Reproducibility with GitHub Actions for running Snakemake pipelines

Automating Reproducible Workflows

My goals for this is learning how to use snakemake and github actions, and I heavily relied on this repo and YT video as reference. The data is from Global Historical Climatology Network daily (GHCNd), which is an integrated database of daily climate summaries from land surface stations across the world. The end product is the result of a series of prompts I entered into Cursor, so I can’t say I made informed choices for the architecture, other than knowing I wanted to use a combo of snakemake, github actions and shiny. My goals were two-fold:

Use snakemake and github actions to run a reproducible pipeline/workflow automatically daily and display the visualization/map using PyShiny
Test how efficiently can I use AI coding tools to create what I envision with the minimal knowledge I have about the individual components involved

What does Snakemake + Github achieve

Snakemake is responsible for defining the logic of the data pipeline: what files need to be created, what steps produce them, and how those steps depend on each other. Instead of manually running scripts in the right order, you declare relationships like “to build a webpage index.html, I need this plot; to build the plot, I need this processed dataset,” and Snakemake figures out the correct execution order automatically. It also avoids unnecessary work: if an input hasn’t changed, it won’t recompute downstream steps. GitHub Actions, on the other hand, is responsible for automation and execution. It answers questions like: When should this pipeline run? On which machine? With what environment? And what should we do with the results afterward? In practice, GitHub Actions provisions a clean virtual machine, installs dependencies, and then calls Snakemake to execute the pipeline. After Snakemake finishes, GitHub Actions can take additional steps such as committing outputs back to the repository (original example) or deploying a website (using Github pages in my example)

Snakemake defines the pipeline; GitHub Actions runs it on a schedule or trigger and handles the outputs. Snakemake then builds a dependency graph (a DAG) and executes all required intermediate steps in the correct order by fetching data, transforming it, and generating final artifacts.
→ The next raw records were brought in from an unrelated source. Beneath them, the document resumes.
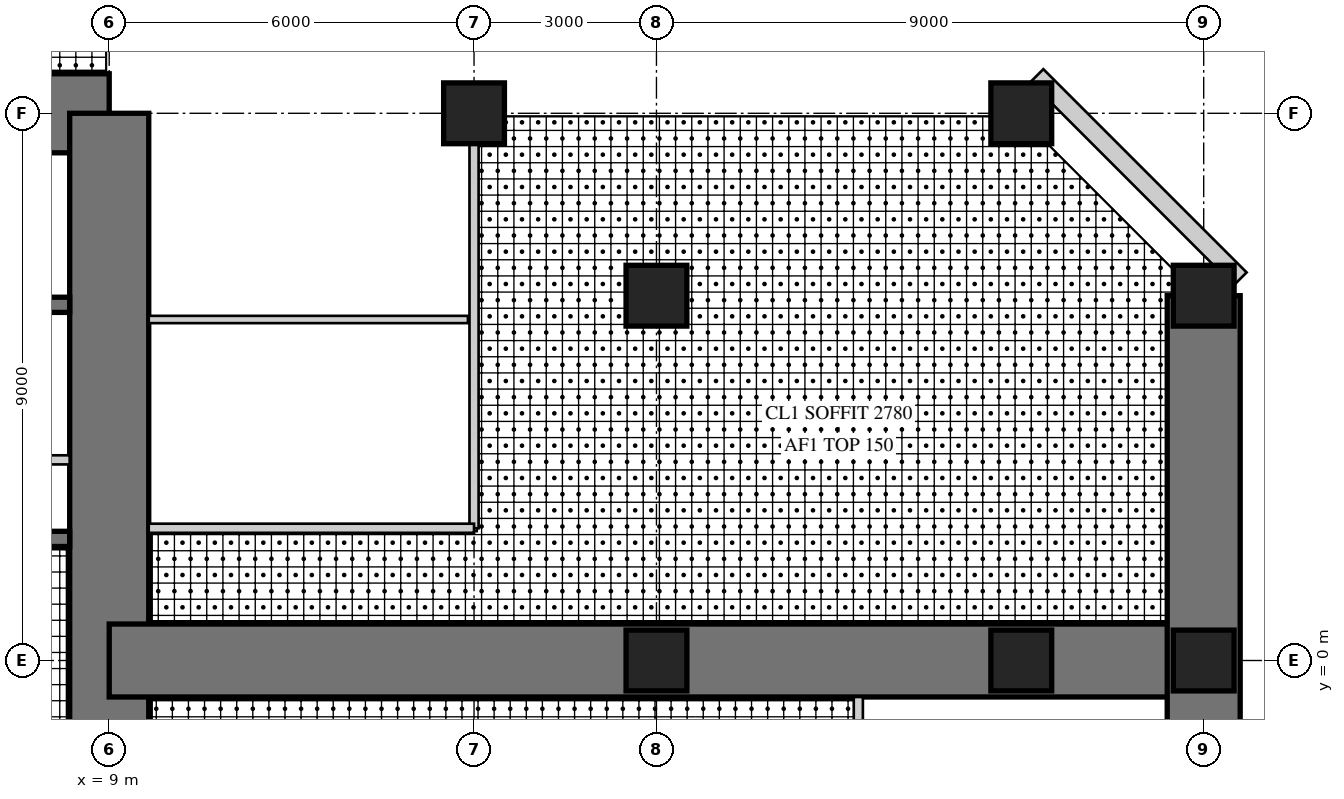
"""IFC4 building model, lengths in metres.
Left out: names, types, materials, properties, quantities, classifications, styles, units other than length and angle.
Written with IfcOpenShell. Run it as: python <this file> out.ifc"""

import sys

from ifc_helpers import new_model, si_unit, direction, frame, frame_2d, origin, origin_2d, place, context, subcontext, project, spatial, rectangle, hollow_rectangle, extrude, element, fill, save


model = new_model("IFC4")
c1 = context("Model", 3, precision=1e-05, world=origin(), true_north=direction((0.0, 1.0)))
c2 = subcontext(c1, "Body", "Model", "MODEL_VIEW")
j1 = project(units=[si_unit("LENGTHUNIT", "METRE"), si_unit("PLANEANGLEUNIT", "RADIAN")], contexts=[c1])
p1 = place(None, origin())
s1 = spatial("IfcSite", under=j1, at=p1, CompositionType="ELEMENT")
p2 = place(p1, origin())
s2 = spatial("IfcBuilding", under=s1, at=p2, CompositionType="ELEMENT")
p3 = place(p2, frame((0.0, 0.0, 116.5)))
s3 = spatial("IfcBuildingStorey", under=s2, at=p3, CompositionType="ELEMENT", Elevation=116.5)
p4 = place(p3, frame((9.0, 9.0, 0.0), z_axis=(0.0, 0.0, 1.0), x_axis=(-1.0, 0.0, 0.0)))
e1 = element("IfcWall", 1, at=p4, inside=s3, PredefinedType="SHEAR", context=c2, shape_type="SweptSolid", body=[
    extrude(rectangle(XDim=18.0, YDim=1.3, at=frame_2d((9.0, 0.0))), origin(), (0.0, 0.0, 1.0), 4.0),
])
p5 = place(p4, frame((9.8, 0.0, 0.0)))
e2 = element("IfcOpeningElement", 2, at=p5, cuts=e1, PredefinedType="OPENING", context=c2, shape_type="SweptSolid", body=[
    extrude(rectangle(XDim=1.0, YDim=2.4, at=frame_2d((0.5, 1.2))), frame((0.0, 0.66, 0.0), z_axis=(0.0, -1.0, 0.0), x_axis=(1.0, 0.0, 0.0)), (0.0, 0.0, 1.0), 1.32),
])
p6 = place(p3, frame((9.0, -9.0, 0.0), z_axis=(0.0, 0.0, 1.0), x_axis=(0.0, 1.0, 0.0)))
e3 = element("IfcWall", 3, at=p6, inside=s3, PredefinedType="SHEAR", context=c2, shape_type="SweptSolid", body=[
    extrude(rectangle(XDim=18.0, YDim=1.3, at=frame_2d((9.0, 0.0))), origin(), (0.0, 0.0, 1.0), 4.0),
])
p7 = place(p6, frame((9.8, 0.0, 0.0)))
e4 = element("IfcOpeningElement", 4, at=p7, cuts=e3, PredefinedType="OPENING", context=c2, shape_type="SweptSolid", body=[
    extrude(rectangle(XDim=1.0, YDim=2.4, at=frame_2d((0.5, 1.2))), frame((0.0, 0.66, 0.0), z_axis=(0.0, -1.0, 0.0), x_axis=(1.0, 0.0, 0.0)), (0.0, 0.0, 1.0), 1.32),
])
p8 = place(p3, frame((1.925, 2.0, 0.0), z_axis=(0.0, 0.0, 1.0), x_axis=(1.0, 0.0, 0.0)))
e5 = element("IfcWall", 5, at=p8, inside=s3, PredefinedType="SHEAR", context=c2, shape_type="SweptSolid", body=[
    extrude(rectangle(XDim=6.425, YDim=0.25, at=frame_2d((3.212, 0.0))), origin(), (0.0, 0.0, 1.0), 4.0),
])
p9 = place(p3, frame((1.925, 5.85, 0.0), z_axis=(0.0, 0.0, 1.0), x_axis=(1.0, 0.0, 0.0)))
e6 = element("IfcWall", 6, at=p9, inside=s3, PredefinedType="SHEAR", context=c2, shape_type="SweptSolid", body=[
    extrude(rectangle(XDim=6.425, YDim=0.25, at=frame_2d((3.212, 0.0))), origin(), (0.0, 0.0, 1.0), 4.0),
])
p10 = place(p9, frame((0.454, 0.0, 0.0)))
e7 = element("IfcOpeningElement", 7, at=p10, cuts=e6, PredefinedType="OPENING", context=c2, shape_type="SweptSolid", body=[
    extrude(rectangle(XDim=1.1, YDim=2.2, at=frame_2d((0.55, 1.1))), frame((0.0, 0.135, 0.0), z_axis=(0.0, -1.0, 0.0), x_axis=(1.0, 0.0, 0.0)), (0.0, 0.0, 1.0), 0.27),
])
p11 = place(p9, frame((2.663, 0.0, 0.0)))
e8 = element("IfcOpeningElement", 8, at=p11, cuts=e6, PredefinedType="OPENING", context=c2, shape_type="SweptSolid", body=[
    extrude(rectangle(XDim=1.1, YDim=2.2, at=frame_2d((0.55, 1.1))), frame((0.0, 0.135, 0.0), z_axis=(0.0, -1.0, 0.0), x_axis=(1.0, 0.0, 0.0)), (0.0, 0.0, 1.0), 0.27),
])
p12 = place(p9, frame((4.871, 0.0, 0.0)))
e9 = element("IfcOpeningElement", 9, at=p12, cuts=e6, PredefinedType="OPENING", context=c2, shape_type="SweptSolid", body=[
    extrude(rectangle(XDim=1.1, YDim=2.2, at=frame_2d((0.55, 1.1))), frame((0.0, 0.135, 0.0), z_axis=(0.0, -1.0, 0.0), x_axis=(1.0, 0.0, 0.0)), (0.0, 0.0, 1.0), 0.27),
])
p13 = place(p3, frame((1.925, 3.3, 0.0), z_axis=(0.0, 0.0, 1.0), x_axis=(1.0, 0.0, 0.0)))
e10 = element("IfcWall", 10, at=p13, inside=s3, PredefinedType="PARTITIONING", context=c2, shape_type="SweptSolid", body=[
    extrude(rectangle(XDim=6.425, YDim=0.15, at=frame_2d((3.212, 0.0))), origin(), (0.0, 0.0, 1.0), 4.0),
])
p14 = place(p13, frame((0.075, 0.0, 0.0)))
e11 = element("IfcOpeningElement", 11, at=p14, cuts=e10, PredefinedType="OPENING", context=c2, shape_type="SweptSolid", body=[
    extrude(rectangle(XDim=0.8, YDim=2.1, at=frame_2d((0.4, 1.05))), frame((0.0, 0.085, 0.0), z_axis=(0.0, -1.0, 0.0), x_axis=(1.0, 0.0, 0.0)), (0.0, 0.0, 1.0), 0.17),
])
p15 = place(p13, frame((3.675, 0.0, 0.0)))
e12 = element("IfcOpeningElement", 12, at=p15, cuts=e10, PredefinedType="OPENING", context=c2, shape_type="SweptSolid", body=[
    extrude(rectangle(XDim=0.8, YDim=2.1, at=frame_2d((0.4, 1.05))), frame((0.0, 0.085, 0.0), z_axis=(0.0, -1.0, 0.0), x_axis=(1.0, 0.0, 0.0)), (0.0, 0.0, 1.0), 0.17),
])
p16 = place(p3, frame((9.0, 0.0, 0.0), z_axis=(0.0, 0.0, 1.0), x_axis=(1.0, 0.0, 0.0)))
e13 = element("IfcWall", 13, at=p16, inside=s3, PredefinedType="SHEAR", context=c2, shape_type="SweptSolid", body=[
    extrude(rectangle(XDim=18.0, YDim=1.2, at=frame_2d((9.0, 0.0))), origin(), (0.0, 0.0, 1.0), 4.0),
])
p17 = place(p16, frame((9.8, 0.0, 0.0)))
e14 = element("IfcOpeningElement", 14, at=p17, cuts=e13, PredefinedType="OPENING", context=c2, shape_type="SweptSolid", body=[
    extrude(rectangle(XDim=1.0, YDim=2.2, at=frame_2d((0.5, 1.1))), frame((0.0, 0.61, 0.0), z_axis=(0.0, -1.0, 0.0), x_axis=(1.0, 0.0, 0.0)), (0.0, 0.0, 1.0), 1.22),
])
p18 = place(p3, frame((27.0, -6.0, 0.0), z_axis=(0.0, 0.0, 1.0), x_axis=(0.0, 1.0, 0.0)))
e15 = element("IfcWall", 15, at=p18, inside=s3, PredefinedType="SHEAR", context=c2, shape_type="SweptSolid", body=[
    extrude(rectangle(XDim=12.0, YDim=1.2, at=frame_2d((6.0, 0.0))), origin(), (0.0, 0.0, 1.0), 4.0),
])
p19 = place(p18, frame((1.55, 0.0, 0.6)))
e16 = element("IfcOpeningElement", 16, at=p19, cuts=e15, PredefinedType="OPENING", context=c2, shape_type="SweptSolid", body=[
    extrude(rectangle(XDim=3.0, YDim=2.4, at=frame_2d((1.5, 1.2))), frame((0.0, 0.61, 0.0), z_axis=(0.0, -1.0, 0.0), x_axis=(1.0, 0.0, 0.0)), (0.0, 0.0, 1.0), 1.22),
])
p20 = place(p18, frame((7.45, 0.0, 0.6)))
e17 = element("IfcOpeningElement", 17, at=p20, cuts=e15, PredefinedType="OPENING", context=c2, shape_type="SweptSolid", body=[
    extrude(rectangle(XDim=3.0, YDim=2.4, at=frame_2d((1.5, 1.2))), frame((0.0, 0.61, 0.0), z_axis=(0.0, -1.0, 0.0), x_axis=(1.0, 0.0, 0.0)), (0.0, 0.0, 1.0), 1.22),
])
for number, where, z_axis, x_axis in (
    (18, (15.0, 9.0, 0.0), (0.0, 0.0, 1.0), (1.0, 0.0, 0.0)),
    (19, (24.0, 9.0, 0.0), (0.0, 0.0, 1.0), (1.0, 0.0, 0.0)),
    (20, (27.0, 0.0, 0.0), (0.0, 0.0, 1.0), (1.0, 0.0, 0.0)),
    (21, (27.0, 6.0, 0.0), (0.0, 0.0, 1.0), (1.0, 0.0, 0.0)),
    (22, (18.0, 0.0, 0.0), (0.0, 0.0, 1.0), (1.0, 0.0, 0.0)),
    (23, (18.0, 6.0, 0.0), (0.0, 0.0, 1.0), (1.0, 0.0, 0.0)),
    (24, (24.0, 0.0, 0.0), (0.0, 0.0, 1.0), (1.0, 0.0, 0.0)),
):
    element("IfcColumn", number, at=place(p3, frame(where, z_axis=z_axis, x_axis=x_axis)), inside=s3, PredefinedType="COLUMN", context=c2, shape_type="SweptSolid", body=[
        extrude(rectangle(XDim=1.0, YDim=1.0, at=origin_2d()), origin(), (0.0, 0.0, 1.0), 4.0),
    ])
p21 = place(p3, frame((27.6, 6.277, 0.0), z_axis=(0.0, 0.0, 1.0), x_axis=(-0.707106781187, 0.707106781187, 0.0)))
e25 = element("IfcWall", 25, at=p21, inside=s3, PredefinedType="SOLIDWALL", context=c2, shape_type="SweptSolid", body=[
    extrude(rectangle(XDim=4.728, YDim=0.3, at=frame_2d((2.364, 0.0))), origin(), (0.0, 0.0, 1.0), 3.8),
])
p22 = place(p21, frame((1.914, 0.0, 0.3)))
e26 = element("IfcOpeningElement", 26, at=p22, cuts=e25, PredefinedType="OPENING", context=c2, shape_type="SweptSolid", body=[
    extrude(rectangle(XDim=0.9, YDim=2.4, at=frame_2d((0.45, 1.2))), frame((0.0, 0.16, 0.0), z_axis=(0.0, -1.0, 0.0), x_axis=(1.0, 0.0, 0.0)), (0.0, 0.0, 1.0), 0.32),
])
p23 = place(p3, frame((15.0, 2.175, 0.0), z_axis=(0.0, 0.0, 1.0), x_axis=(0.0, 1.0, 0.0)))
e27 = element("IfcWall", 27, at=p23, inside=s3, PredefinedType="PARTITIONING", context=c2, shape_type="SweptSolid", body=[
    extrude(rectangle(XDim=6.325, YDim=0.15, at=frame_2d((3.163, 0.0))), origin(), (0.0, 0.0, 1.0), 3.0),
])
p24 = place(p23, frame((1.217, 0.0, 0.0)))
e28 = element("IfcOpeningElement", 28, at=p24, cuts=e27, PredefinedType="OPENING", context=c2, shape_type="SweptSolid", body=[
    extrude(rectangle(XDim=1.0, YDim=2.1, at=frame_2d((0.5, 1.05))), frame((0.0, 0.085, 0.0), z_axis=(0.0, -1.0, 0.0), x_axis=(1.0, 0.0, 0.0)), (0.0, 0.0, 1.0), 0.17),
])
p25 = place(p23, frame((4.379, 0.0, 0.0)))
e29 = element("IfcOpeningElement", 29, at=p25, cuts=e27, PredefinedType="OPENING", context=c2, shape_type="SweptSolid", body=[
    extrude(rectangle(XDim=1.0, YDim=2.1, at=frame_2d((0.5, 1.05))), frame((0.0, 0.085, 0.0), z_axis=(0.0, -1.0, 0.0), x_axis=(1.0, 0.0, 0.0)), (0.0, 0.0, 1.0), 0.17),
])
p26 = place(p3, frame((9.65, 2.175, 0.0), z_axis=(0.0, 0.0, 1.0), x_axis=(1.0, 0.0, 0.0)))
e30 = element("IfcWall", 30, at=p26, inside=s3, PredefinedType="PARTITIONING", context=c2, shape_type="SweptSolid", body=[
    extrude(rectangle(XDim=5.35, YDim=0.15, at=frame_2d((2.675, 0.0))), origin(), (0.0, 0.0, 1.0), 3.8),
])
p27 = place(p3, frame((9.65, 5.609, 0.0), z_axis=(0.0, 0.0, 1.0), x_axis=(1.0, 0.0, 0.0)))
e31 = element("IfcWall", 31, at=p27, inside=s3, PredefinedType="PLUMBINGWALL", context=c2, shape_type="SweptSolid", body=[
    extrude(rectangle(XDim=5.25, YDim=0.12, at=frame_2d((2.625, 0.0))), origin(), (0.0, 0.0, 1.0), 3.8),
])
p28 = place(p3, frame((21.32, -9.58, 0.0), z_axis=(0.0, 0.0, 1.0), x_axis=(0.0, 1.0, 0.0)))
e32 = element("IfcWall", 32, at=p28, inside=s3, PredefinedType="PARTITIONING", context=c2, shape_type="SweptSolid", body=[
    extrude(rectangle(XDim=8.98, YDim=0.15, at=frame_2d((4.49, 0.0))), origin(), (0.0, 0.0, 1.0), 3.8),
])
p29 = place(p28, frame((4.987, 0.0, 0.0)))
e33 = element("IfcOpeningElement", 33, at=p29, cuts=e32, PredefinedType="OPENING", context=c2, shape_type="SweptSolid", body=[
    extrude(rectangle(XDim=1.0, YDim=2.2, at=frame_2d((0.5, 1.1))), frame((0.0, 0.085, 0.0), z_axis=(0.0, -1.0, 0.0), x_axis=(1.0, 0.0, 0.0)), (0.0, 0.0, 1.0), 0.17),
])
p30 = place(p28, frame((7.63, 0.0, 0.0)))
e34 = element("IfcOpeningElement", 34, at=p30, cuts=e32, PredefinedType="OPENING", context=c2, shape_type="SweptSolid", body=[
    extrude(rectangle(XDim=1.0, YDim=2.2, at=frame_2d((0.5, 1.1))), frame((0.0, 0.085, 0.0), z_axis=(0.0, -1.0, 0.0), x_axis=(1.0, 0.0, 0.0)), (0.0, 0.0, 1.0), 0.17),
])
p31 = place(p20, origin())
e35 = element("IfcWindow", 35, at=p31, inside=s3, PartitioningType="SINGLE_PANEL", PredefinedType="WINDOW", context=c2, shape_type="SweptSolid", body=[
    extrude(hollow_rectangle(XDim=3.0, YDim=2.4, WallThickness=0.06, at=frame_2d((1.5, 1.2))), frame((0.0, 0.03, 0.0), z_axis=(0.0, -1.0, 0.0), x_axis=(1.0, 0.0, 0.0)), (0.0, 0.0, 1.0), 0.06),
    extrude(rectangle(XDim=2.879, YDim=2.279, at=frame_2d((1.5, 1.2))), frame((0.0, 0.03, 0.0), z_axis=(0.0, -1.0, 0.0), x_axis=(1.0, 0.0, 0.0)), (0.0, 0.0, 1.0), 0.06),
])
fill(e17, e35)
p32 = place(p22, origin())
e36 = element("IfcWindow", 36, at=p32, inside=s3, PartitioningType="SINGLE_PANEL", PredefinedType="WINDOW", context=c2, shape_type="SweptSolid", body=[
    extrude(hollow_rectangle(XDim=0.9, YDim=2.4, WallThickness=0.06, at=frame_2d((0.45, 1.2))), frame((0.0, 0.03, 0.0), z_axis=(0.0, -1.0, 0.0), x_axis=(1.0, 0.0, 0.0)), (0.0, 0.0, 1.0), 0.06),
    extrude(rectangle(XDim=0.779, YDim=2.279, at=frame_2d((0.45, 1.2))), frame((0.0, 0.03, 0.0), z_axis=(0.0, -1.0, 0.0), x_axis=(1.0, 0.0, 0.0)), (0.0, 0.0, 1.0), 0.06),
])
fill(e26, e36)
p33 = place(p24, origin())
e37 = element("IfcDoor", 37, at=p33, inside=s3, OperationType="SINGLE_SWING_LEFT", PredefinedType="DOOR", context=c2, shape_type="SweptSolid", body=[
    extrude(rectangle(XDim=1.0, YDim=2.1, at=frame_2d((0.5, 1.05))), frame((0.0, 0.025, 0.0), z_axis=(0.0, -1.0, 0.0), x_axis=(1.0, 0.0, 0.0)), (0.0, 0.0, 1.0), 0.05),
])
fill(e28, e37)
p34 = place(p25, origin())
e38 = element("IfcDoor", 38, at=p34, inside=s3, OperationType="SINGLE_SWING_LEFT", PredefinedType="DOOR", context=c2, shape_type="SweptSolid", body=[
    extrude(rectangle(XDim=1.0, YDim=2.1, at=frame_2d((0.5, 1.05))), frame((0.0, 0.025, 0.0), z_axis=(0.0, -1.0, 0.0), x_axis=(1.0, 0.0, 0.0)), (0.0, 0.0, 1.0), 0.05),
])
fill(e29, e38)
p35 = place(p30, frame((1.0, 0.0, 0.0), z_axis=(0.0, 0.0, 1.0), x_axis=(-1.0, 0.0, 0.0)))
e39 = element("IfcDoor", 39, at=p35, inside=s3, OperationType="SINGLE_SWING_LEFT", PredefinedType="DOOR", context=c2, shape_type="SweptSolid", body=[
    extrude(rectangle(XDim=1.0, YDim=2.2, at=frame_2d((0.5, 1.1))), frame((0.0, 0.025, 0.0), z_axis=(0.0, -1.0, 0.0), x_axis=(1.0, 0.0, 0.0)), (0.0, 0.0, 1.0), 0.05),
])
fill(e34, e39)
p36 = place(p17, frame((1.0, 0.0, 0.0), z_axis=(0.0, 0.0, 1.0), x_axis=(-1.0, 0.0, 0.0)))
e40 = element("IfcDoor", 40, at=p36, inside=s3, OperationType="SINGLE_SWING_LEFT", PredefinedType="DOOR", context=c2, shape_type="SweptSolid", body=[
    extrude(rectangle(XDim=1.0, YDim=2.2, at=frame_2d((0.5, 1.1))), frame((0.0, 0.025, 0.0), z_axis=(0.0, -1.0, 0.0), x_axis=(1.0, 0.0, 0.0)), (0.0, 0.0, 1.0), 0.05),
])
fill(e14, e40)
p37 = place(p7, frame((1.0, 0.0, 0.0), z_axis=(0.0, 0.0, 1.0), x_axis=(-1.0, 0.0, 0.0)))
e41 = element("IfcDoor", 41, at=p37, inside=s3, OperationType="SINGLE_SWING_RIGHT", PredefinedType="DOOR", context=c2, shape_type="SweptSolid", body=[
    extrude(rectangle(XDim=1.0, YDim=2.4, at=frame_2d((0.5, 1.2))), frame((0.0, -0.005, 0.0), z_axis=(0.0, -1.0, 0.0), x_axis=(1.0, 0.0, 0.0)), (0.0, 0.0, 1.0), 0.05),
])
fill(e4, e41)
save(model, sys.argv[1])

GitHub Actions does not need to know how those steps work; it only needs to invoke Snakemake and then decide what to do with the results.

Interactive UI with Map of Precipitation in Japan 🇯🇵

In my project, I used Snakemake for the data pipeline, Shiny for Python (shiny + sh= inywidgets) for the app, Plotly (plotly.express) and Mapbox tiles for the interactive map. Snakemake rules fetch csv.gz files, build manifests and metadata, precompute monthly precipitation index (data/monthly/japan_monthly_prcp.csv) and creates a summary file with the latest daily precipitation (data/latest/japan_latest_prcp.csv), then copy small, app-ready csv files into code/app_data/ via build_app_bundle.py.

code/app.py loads everything from code/app_data/, computes z‑scores for the selected month and year for a given location, and renders the map and sidebar UI.

The GitHub Actions CI runs snakemake app_data, sanity-checks app_data outputs, and the deploy workflow runs sninylive export code build and publishes the static Shinylive bundle to GitHub Pages. Shinylive turns the app into a static site so GitHub Pages can host it with no server to maintain, unlike Shiny Server, which needs a running VM/container.

The whole pipeline (data build + app export) is fully defined in the repo and run by GitHub Actions; the deployed site is just the static output of snakemake app_data + shinylive export, which is ideal for a reproducibility. However, the outputs are not directly visible in the repo unless explicitly saved (which is not the case at the moment). Debugging (e.g., figuring out if the csv files created daily automatically are truly the latest/most up-to-date, require inspecting build logs rather than files). However, there is clean separation between code and generated data outputs, so the repository stays lightweight.

Essentially, Snakemake produces intermediate data products, like the precomputed monthly average precipitation, then the Shinylive build step turns the app into a static site, and GitHub Actions deploys the built site to GitHub Pages.

Difference between original static site and Shinylive webapp

The original inspiration for this project had slightly different goals, since it produces a non-interactive map in png format. These outputs are small and self-contained - since the map is displayed on index.html, the repo is the website. There is no separate deployment workflow needed as in my case. GitHub Actions commits the map image and the rendered html back into the repository, and GitHub Pages serves them directly from the repo. Given that outputs are simple the downsides of committing to the repo are few since we don’t have to worry about too many artifacts polluting the git history. However, this configuration requires more care with push permissions and workflow triggers. It can fail if there were no changes (no new data) and git commit exits 0 (though there are ways to force commit anyhow). Ultimately in the Shinylive app case, we have a clean separation between source code and the deployable output.